# Stinkbaits...know ANY that work?



## mo65 (Aug 5, 2011)

My catfishin' bucket is full of these concoctions and I can _truthfully_ say that I have *never* caught a single cat on _any_ of it! When you see someone ask "what's the best catfish bait", most guys answer(mine included) is fresh cutbait and quality live bait. These stinkbait/dipbaits line the shelf at Wal-mart and Bass Pro Shops catalog, the selection is mind boggling. Does anyone know of a nugget type(not dipbait) that actually *works*? What I need is something packaged and ready to go, for those times when there's not time to gather live or cut bait. Something less messy than chicken liver to target those eatin' size channels.:Banane37:


----------



## Predator225 (May 14, 2005)

Hands down for me the best has been Sonny's Super Sticky dip bait for catchin' a mess of eater-size channels. Seems that the scent dispersion in the water is much greater with dip baits as opposed to the pre-formed, or 'nuggett' style baits you mentioned. I also like it because if I want, I can just grab a jar and head down to the river if I have some spare time and catch a few cats. Another good thing about dip baits is that I don't have to worry about the mess - just dip the worm in the bait and use a stick to 'gob' the dipworm. I have tried just about all dip baits out there, and the original Sonny's (not the blood formula) works best for me.


----------



## big red (Feb 4, 2010)

i really like catfish charlie.i use the blood type and one that's called full stringer(gree/white tube).use with #6trebles with springs or will make take the smallest circle hook i can find and put an old inkpen spring on it to help hold the bait.fish it on the bottom or under a slip bobber.put just enough on to cover the hook(s) in a teardrop shape.


----------



## Chuck P. (Apr 8, 2004)

I found this on Catfish1.com


cornmeal - 2 cups
flour - 1 cup
betty crocker potato spuds - 1 1/2 cup
rollin' oats quick oatmeal - 3/4 cup to 1 cup - oatmeal is dryer on the hook in water
kraft three cheese pack ( just the cheese )
garlic powder - 4 to 8 table spoons ( depending on garlic )
lard - 3 table spoons( not shortening it has to be lard )
water - 1/4 cup or so
First you need a large bowl. Add cornmeal, flour, potato spuds ( dry mashed potatos ), kraft the cheese pack ( may be able to use real cheese never tried it ), and garlic. Mix dry ingredients the ingredients in bowl till well blended. 

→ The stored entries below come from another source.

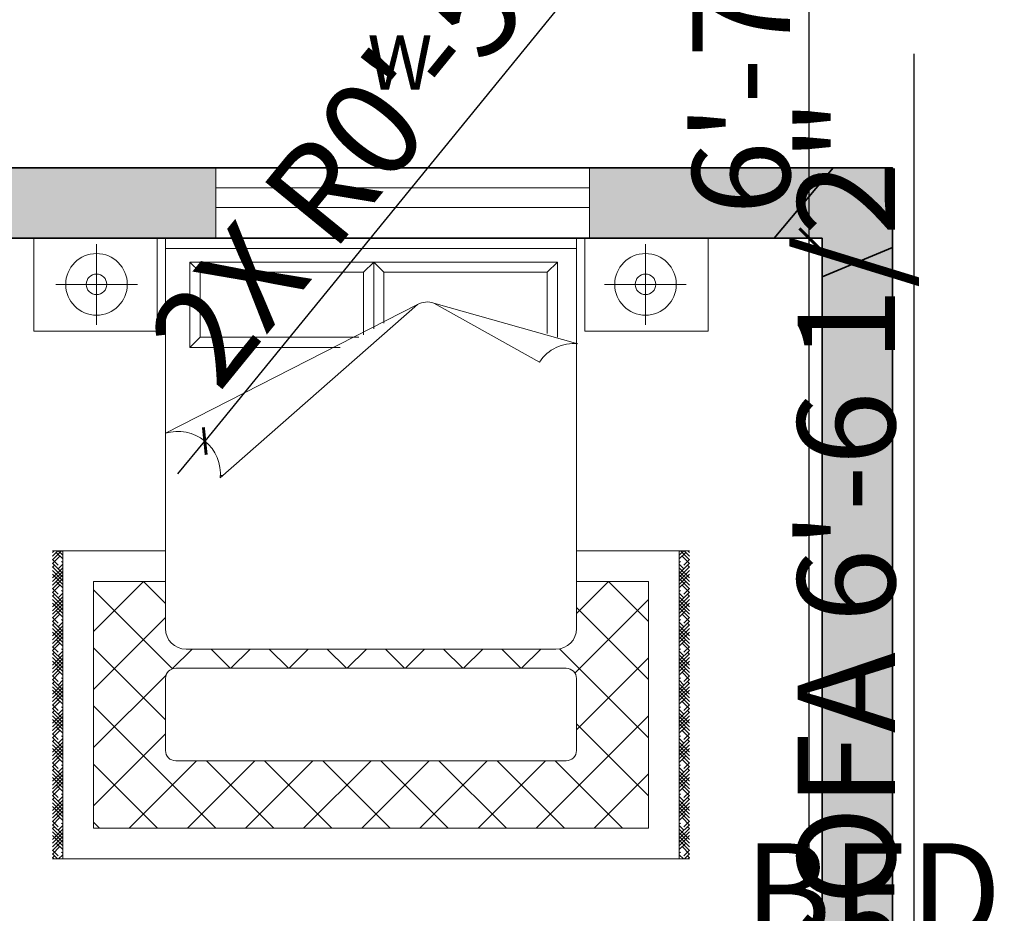
# Model space of a CAD drawing. Units: inches. Extents: x 1858 to 2399, y 1317 to 1943.
# Tile 6 of 8: x 2162 to 2288, y 1742 to 1856. Entities that reach past the tile are written whole.
import ezdxf

# ---------------------------------------------------------------- set-up
doc = ezdxf.new("R2010")
doc.units = ezdxf.units.IN
for name, color, linetype, lineweight in [('A-ANNO-DIMS', 2, 'Continuous', 18), ('A-ANNO-TEXT', 7, 'Continuous', 18), ('A-COLS', 7, 'Continuous', 35), ('A-COLS-PATT', 5, 'Continuous', 13), ('A-WALL', 7, 'Continuous', 35), ('A-WALL-PATT', 1, 'Continuous', 13), ('beds', 15, 'Continuous', 18), ('window', 4, 'Continuous', 18)]:
    doc.layers.add(name, color=color, linetype=linetype, lineweight=lineweight)
doc.styles.get("Standard").update_dxf_attribs({"font": 'arial.ttf'})
doc.dimstyles.new('ISO-25', dxfattribs={"dimtxt": 12.5, "dimasz": 2.5, "dimexe": 1.25, "dimexo": 0.625, "dimtad": 1, "dimdec": 0, "dimlunit": 4, "dimtxsty": 'Standard', "dimblk": 'ARCHTICK', "dimcen": 2.5, "dimse1": 1, "dimse2": 1, "dimclrd": 3, "dimclrt": 4, "dimadec": 0, "dimazin": 0, "dimtfac": 1, "dimtdec": 0, "dimtmove": 0, "dimatfit": 3, "dimfxl": 1, "dimarcsym": 0})

# ---------------------------------------------------------------- blocks, each defined once
blk = doc.blocks.new('A$C4CB008C5')
for p, q in [((0, 3.0188), (0.6, 3.0188)), ((0, 2.5688), (0, 3.0188)), ((0.6, 3.0188), (0.6, 2.5688)), ((0.6397, 1.1213), (0.6397, 3.0213)), ((0.6397, 3.0213), (2.6397, 3.0213)), ((2.6397, 3.0213), (2.6397, 1.1213)), ((3.2794, 3.0188), (2.6794, 3.0188)), ((2.6794, 3.0188), (2.6794, 2.5688)), ((3.2794, 2.5688), (3.2794, 3.0188)), ((0.3042, 2.5999), (0.3042, 2.9921)), ((0.6397, 2.9713), (2.6397, 2.9713)), ((2.9753, 2.5999), (2.9753, 2.9921)), ((0.7588, 2.9048), (2.5468, 2.9048)), ((0.7588, 2.4886), (0.7588, 2.9048)), ((0.7588, 2.9048), (0.8088, 2.8548)), ((1.6028, 2.8548), (1.6528, 2.9048)), ((1.6528, 2.9048), (1.6528, 2.5791)), ((1.6528, 2.9048), (1.7028, 2.8548)), ((2.4968, 2.8548), (2.5468, 2.9048)), ((2.5468, 2.9048), (2.5468, 2.5398)), ((0.8088, 2.8548), (1.6028, 2.8548)), ((0.8088, 2.5386), (0.8088, 2.8548)), ((1.6028, 2.8548), (1.6028, 2.5513)), ((1.7028, 2.8548), (1.7028, 2.6069)), ((1.7028, 2.8548), (2.4968, 2.8548)), ((2.4968, 2.8548), (2.4968, 2.5563)), ((0.1057, 2.796), (0.5033, 2.796)), ((3.1738, 2.796), (2.7761, 2.796)), ((0.6397, 2.0713), (1.866, 2.6977)), ((0.9063, 1.8539), (1.866, 2.6977)), ((1.946, 2.7052), (2.6461, 2.507)), ((1.946, 2.7052), (2.4598, 2.4178)), ((0.6, 2.5688), (0, 2.5688)), ((2.6794, 2.5688), (3.2794, 2.5688)), ((0.8088, 2.5386), (0.7588, 2.4886)), ((1.58, 2.5386), (0.8088, 2.5386)), ((1.4901, 2.4886), (0.7588, 2.4886)), ((0.9071, 1.8666), (0.9192, 1.8666)), ((0.0897, 1.5), (0.6397, 1.5)), ((0.0897, 1.491), (0.0987, 1.5)), ((0.0897, 1.4733), (0.1164, 1.5)), ((0.0897, 1.4557), (0.1341, 1.5)), ((0.1397, 1.4602), (0.1081, 1.4917)), ((0.1397, 1.4778), (0.1175, 1.5)), ((0.1397, 1.4955), (0.1352, 1.5)), ((0.1397, 0), (0.1397, 1.5)), ((2.6397, 1.5), (3.1897, 1.5)), ((3.1397, 1.4955), (3.1442, 1.5)), ((3.1397, 1.4778), (3.1619, 1.5)), ((3.1397, 1.5), (3.1397, 0)), ((3.1397, 1.4602), (3.1713, 1.4917)), ((3.1897, 1.4557), (3.1454, 1.5)), ((3.1897, 1.4733), (3.163, 1.5)), ((3.1897, 1.491), (3.1807, 1.5)), ((0.0904, 1.4741), (0.0897, 1.4748)), ((0.0897, 1.438), (0.1258, 1.4741)), ((0.117, 1.4299), (0.0897, 1.4571)), ((0.1397, 1.3894), (0.0897, 1.4394)), ((0.1397, 1.4425), (0.1346, 1.4475)), ((3.1397, 1.4425), (3.1448, 1.4475)), ((3.1397, 1.3894), (3.1897, 1.4394)), ((3.1897, 1.438), (3.1536, 1.4741)), ((3.1625, 1.4299), (3.1897, 1.4571)), ((3.189, 1.4741), (3.1897, 1.4748)), ((0.0897, 1.4203), (0.0993, 1.4299)), ((0.1397, 1.3718), (0.0897, 1.4218)), ((0.1397, 1.3541), (0.0897, 1.4041)), ((0.0897, 1.3496), (0.1397, 1.3996)), ((0.0904, 1.368), (0.1397, 1.4173)), ((0.117, 1.4122), (0.1397, 1.4349)), ((3.1625, 1.4122), (3.1397, 1.4349)), ((3.1397, 1.3718), (3.1897, 1.4218)), ((3.189, 1.368), (3.1397, 1.4173)), ((3.1397, 1.3541), (3.1897, 1.4041)), ((3.1897, 1.3496), (3.1397, 1.3996)), ((3.1897, 1.4203), (3.1801, 1.4299)), ((0.1397, 1.3364), (0.0897, 1.3864)), ((0.0897, 1.3319), (0.1397, 1.3819)), ((0.0897, 1.3142), (0.1397, 1.3642)), ((0.1397, 1.3187), (0.1081, 1.3503)), ((0.2897, 1.1076), (0.5321, 1.35)), ((0.2897, 0.15), (0.2897, 1.35)), ((0.2897, 1.35), (0.6397, 1.35)), ((0.6397, 1.243), (0.5327, 1.35)), ((2.6397, 1.1949), (2.7948, 1.35)), ((2.6397, 1.35), (2.9897, 1.35)), ((2.9897, 1.1557), (2.7955, 1.35)), ((2.9897, 1.35), (2.9897, 0.15)), ((3.1397, 1.3364), (3.1897, 1.3864)), ((3.1897, 1.3319), (3.1397, 1.3819)), ((3.1897, 1.3142), (3.1397, 1.3642)), ((3.1397, 1.3187), (3.1713, 1.3503)), ((0.0904, 1.3326), (0.0897, 1.3334)), ((0.0897, 1.2966), (0.1258, 1.3326)), ((0.117, 1.2885), (0.0897, 1.3157)), ((0.1397, 1.248), (0.0897, 1.298)), ((0.117, 1.2708), (0.1397, 1.2935)), ((0.1397, 1.3011), (0.1346, 1.3061)), ((0.6743, 0.9255), (0.2897, 1.3102)), ((3.1397, 1.3011), (3.1448, 1.3061)), ((3.1397, 1.248), (3.1897, 1.298)), ((3.1625, 1.2708), (3.1397, 1.2935)), ((3.1897, 1.2966), (3.1536, 1.3326)), ((3.1625, 1.2885), (3.1897, 1.3157)), ((3.189, 1.3326), (3.1897, 1.3334)), ((0.0897, 1.2789), (0.0993, 1.2885)), ((0.1397, 1.2303), (0.0897, 1.2803)), ((0.1397, 1.2127), (0.0897, 1.2627)), ((0.0897, 1.2082), (0.1397, 1.2582)), ((0.0904, 1.2266), (0.1397, 1.2758)), ((2.6321, 0.9045), (2.9897, 1.2621)), ((3.1397, 1.2303), (3.1897, 1.2803)), ((3.189, 1.2266), (3.1397, 1.2758)), ((3.1397, 1.2127), (3.1897, 1.2627)), ((3.1897, 1.2082), (3.1397, 1.2582)), ((3.1897, 1.2789), (3.1801, 1.2885)), ((0.1397, 1.195), (0.0897, 1.245)), ((0.0897, 1.1905), (0.1397, 1.2405)), ((0.0897, 1.1728), (0.1397, 1.2228)), ((0.1397, 1.1773), (0.1081, 1.2089)), ((2.9897, 0.8729), (2.6397, 1.2229)), ((3.1397, 1.195), (3.1897, 1.245)), ((3.1897, 1.1905), (3.1397, 1.2405)), ((3.1897, 1.1728), (3.1397, 1.2228)), ((3.1397, 1.1773), (3.1713, 1.2089)), ((0.0904, 1.1912), (0.0897, 1.192)), ((0.0897, 1.1551), (0.1258, 1.1912)), ((0.117, 1.147), (0.0897, 1.1743)), ((0.1397, 1.1066), (0.0897, 1.1566)), ((0.117, 1.1294), (0.1397, 1.1521)), ((0.1397, 1.1596), (0.1346, 1.1647)), ((0.2897, 0.8248), (0.6397, 1.1748)), ((3.1397, 1.1596), (3.1448, 1.1647)), ((3.1397, 1.1066), (3.1897, 1.1566)), ((3.1625, 1.1294), (3.1397, 1.1521)), ((3.1897, 1.1551), (3.1536, 1.1912)), ((3.1625, 1.147), (3.1897, 1.1743)), ((3.189, 1.1912), (3.1897, 1.192)), ((0.0897, 1.1375), (0.0993, 1.147)), ((0.1397, 1.0889), (0.0897, 1.1389)), ((0.1397, 1.0712), (0.0897, 1.1212)), ((0.0897, 1.0667), (0.1397, 1.1167)), ((0.1397, 1.0536), (0.0897, 1.1036)), ((0.0904, 1.0852), (0.1397, 1.1344)), ((3.1397, 1.0889), (3.1897, 1.1389)), ((3.189, 1.0852), (3.1397, 1.1344)), ((3.1397, 1.0712), (3.1897, 1.1212)), ((3.1897, 1.0667), (3.1397, 1.1167)), ((3.1397, 1.0536), (3.1897, 1.1036)), ((3.1897, 1.1375), (3.1801, 1.147)), ((0.0897, 1.0491), (0.1397, 1.0991)), ((0.0897, 1.0314), (0.1397, 1.0814)), ((0.1397, 1.0359), (0.1081, 1.0675)), ((3.1897, 1.0491), (3.1397, 1.0991)), ((3.1897, 1.0314), (3.1397, 1.0814)), ((3.1397, 1.0359), (3.1713, 1.0675)), ((0.0904, 1.0498), (0.0897, 1.0505)), ((0.0897, 1.0137), (0.1258, 1.0498)), ((0.117, 1.0056), (0.0897, 1.0329)), ((0.1397, 0.9652), (0.0897, 1.0152)), ((0.117, 0.9879), (0.1397, 1.0107)), ((0.1397, 1.0182), (0.1346, 1.0233)), ((0.6397, 0.6773), (0.2897, 1.0273)), ((0.6727, 0.925), (0.769, 1.0213)), ((2.5397, 1.0213), (0.7397, 1.0213)), ((0.9548, 0.9279), (0.8614, 1.0213)), ((0.9585, 0.9279), (1.0519, 1.0213)), ((1.2376, 0.9279), (1.1443, 1.0213)), ((1.2414, 0.9279), (1.3347, 1.0213)), ((1.5205, 0.9279), (1.4271, 1.0213)), ((1.5242, 0.9279), (1.6176, 1.0213)), ((1.8033, 0.9279), (1.71, 1.0213)), ((1.8071, 0.9279), (1.9004, 1.0213)), ((2.0861, 0.9279), (1.9928, 1.0213)), ((2.0899, 0.9279), (2.1832, 1.0213)), ((2.369, 0.9279), (2.2757, 1.0213)), ((2.3727, 0.9279), (2.4661, 1.0213)), ((2.9897, 0.5901), (2.557, 1.0228)), ((3.1397, 1.0182), (3.1448, 1.0233)), ((3.1397, 0.9652), (3.1897, 1.0152)), ((3.1625, 0.9879), (3.1397, 1.0107)), ((3.1897, 1.0137), (3.1536, 1.0498)), ((3.1625, 1.0056), (3.1897, 1.0329)), ((3.189, 1.0498), (3.1897, 1.0505)), ((0.0897, 0.996), (0.0993, 1.0056)), ((0.1397, 0.9475), (0.0897, 0.9975)), ((0.1397, 0.9298), (0.0897, 0.9798)), ((0.0897, 0.9253), (0.1397, 0.9753)), ((0.1397, 0.9121), (0.0897, 0.9621)), ((0.0904, 0.9437), (0.1397, 0.993)), ((2.6397, 0.6292), (2.9897, 0.9792)), ((3.1397, 0.9475), (3.1897, 0.9975)), ((3.189, 0.9437), (3.1397, 0.993)), ((3.1397, 0.9298), (3.1897, 0.9798)), ((3.1897, 0.9253), (3.1397, 0.9753)), ((3.1397, 0.9121), (3.1897, 0.9621)), ((3.1897, 0.996), (3.1801, 1.0056)), ((0.0897, 0.9076), (0.1397, 0.9576)), ((0.0897, 0.89), (0.1397, 0.94)), ((0.1397, 0.8945), (0.1081, 0.9261)), ((0.6897, 0.9279), (2.5897, 0.9279)), ((3.1897, 0.9076), (3.1397, 0.9576)), ((3.1897, 0.89), (3.1397, 0.94)), ((3.1397, 0.8945), (3.1713, 0.9261)), ((0.0904, 0.9084), (0.0897, 0.9091)), ((0.0897, 0.8723), (0.1258, 0.9084)), ((0.117, 0.8642), (0.0897, 0.8914)), ((0.1397, 0.8238), (0.0897, 0.8738)), ((0.0897, 0.8546), (0.0993, 0.8642)), ((0.117, 0.8465), (0.1397, 0.8693)), ((0.1397, 0.8768), (0.1346, 0.8819)), ((0.2897, 0.542), (0.6427, 0.8949)), ((0.6397, 0.8779), (0.6397, 0.5279)), ((2.6397, 0.8779), (2.6397, 0.5279)), ((3.1397, 0.8768), (3.1448, 0.8819)), ((3.1397, 0.8238), (3.1897, 0.8738)), ((3.1625, 0.8465), (3.1397, 0.8693)), ((3.1897, 0.8723), (3.1536, 0.9084)), ((3.1625, 0.8642), (3.1897, 0.8914)), ((3.1897, 0.8546), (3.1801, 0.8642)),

Next add lard and blend with fork ( or hands if you like ). Now add water. It may feel soft for bait now but work the water in. Now we add the Oatmeal. When you add the oatmeal the mix will separate almost like it is dry again. Test it by making a test bait ball by kneading it alittle compacting everything together. 

Now put ball in alittle water and pull it back out. Keading it again should make it even tougher. If not add alittle more oatmeal till you get it where you like it. It is better to be to dry then to moist.


Remember you can always add alittle water to your bait ball on the bank but it is very hard to remove it from bait on the bank so best to error on to dry then to moist.


Kraft Three Cheese is a mix of Parmesan, Romano & Asiago. If you go natural cheese ( and it should work better really if you did ) get aged Romano. The more age the stronger ( sharper ). You can also add alittle cheddar if you want ( have done it myself a few times ).


----------



## Coonhound (May 12, 2008)

I did TONS of carp and catfishin' when i was younger. Got hooked on bass and haven't really done any since. 

But when i was a regular at the local catfish hole, my hands-down favorite most producing bait was a Wonderbread doughball dipped in the cheapest barbeque sauce i could find on the shelf. I'd wad the white of the bread slice on a single hook just small enough to fit in the neck of the barbeque bottle, dip it in, and toss it out. Beat the hell out of all the "concoctions" on the shelf...and TONS cheaper!


----------



## rustyfish (Apr 27, 2004)

I always have frozen fish in the freezer shad, chubs, and sometimes sunfish. If you have some chubs die in the bucket toss em in the freezer they will make great channel cat bait.

We camped a lot when I was kid. So I had to improvise a lot, like custom cereal balls. I added anything to the wheaties that had a "meaty" kick. Liver blood after I ran out of liver, some ground beef that lost its way to the grill, one time I used the beef pack from Ramen noodles. I caught some fish on all of them. But I did the best after smashing some leftover shad tails and mixing it with the wheeties. It seemed to do the trick.


----------



## CATMAN447 (Jun 12, 2011)

Here is a homemade brew that worked GREAT for me this summer.

Start with 1 tub of "Premos" original formula. Take out about 1/4 of it to make room for the other ingredients.

1 cup of diced, sharp cheddar cheese. 

2 tbsp. of anise extract. Available at any grocery store.

About 1/2 cup of menhaden oil. I got mine from gourmetbaits.com but there are several sites that sell it.

1 full head of garlic, minced fine.

1/4 cup of corn starch.

Add cattails to thicken. There should be enough oil in the bait that the mixing stick should come out fairly clean.

With the lid on, set out in the sun for a day or two.

Put a glob of it on a bare #4 treble. Wrap some tag line around it and you can cast this bait about as hard as you can and it wont fling off of your hook. This mix has worked better for me than just about any other bait I've used!


----------



## tipul3 (Jan 29, 2008)

Wheaties ball


----------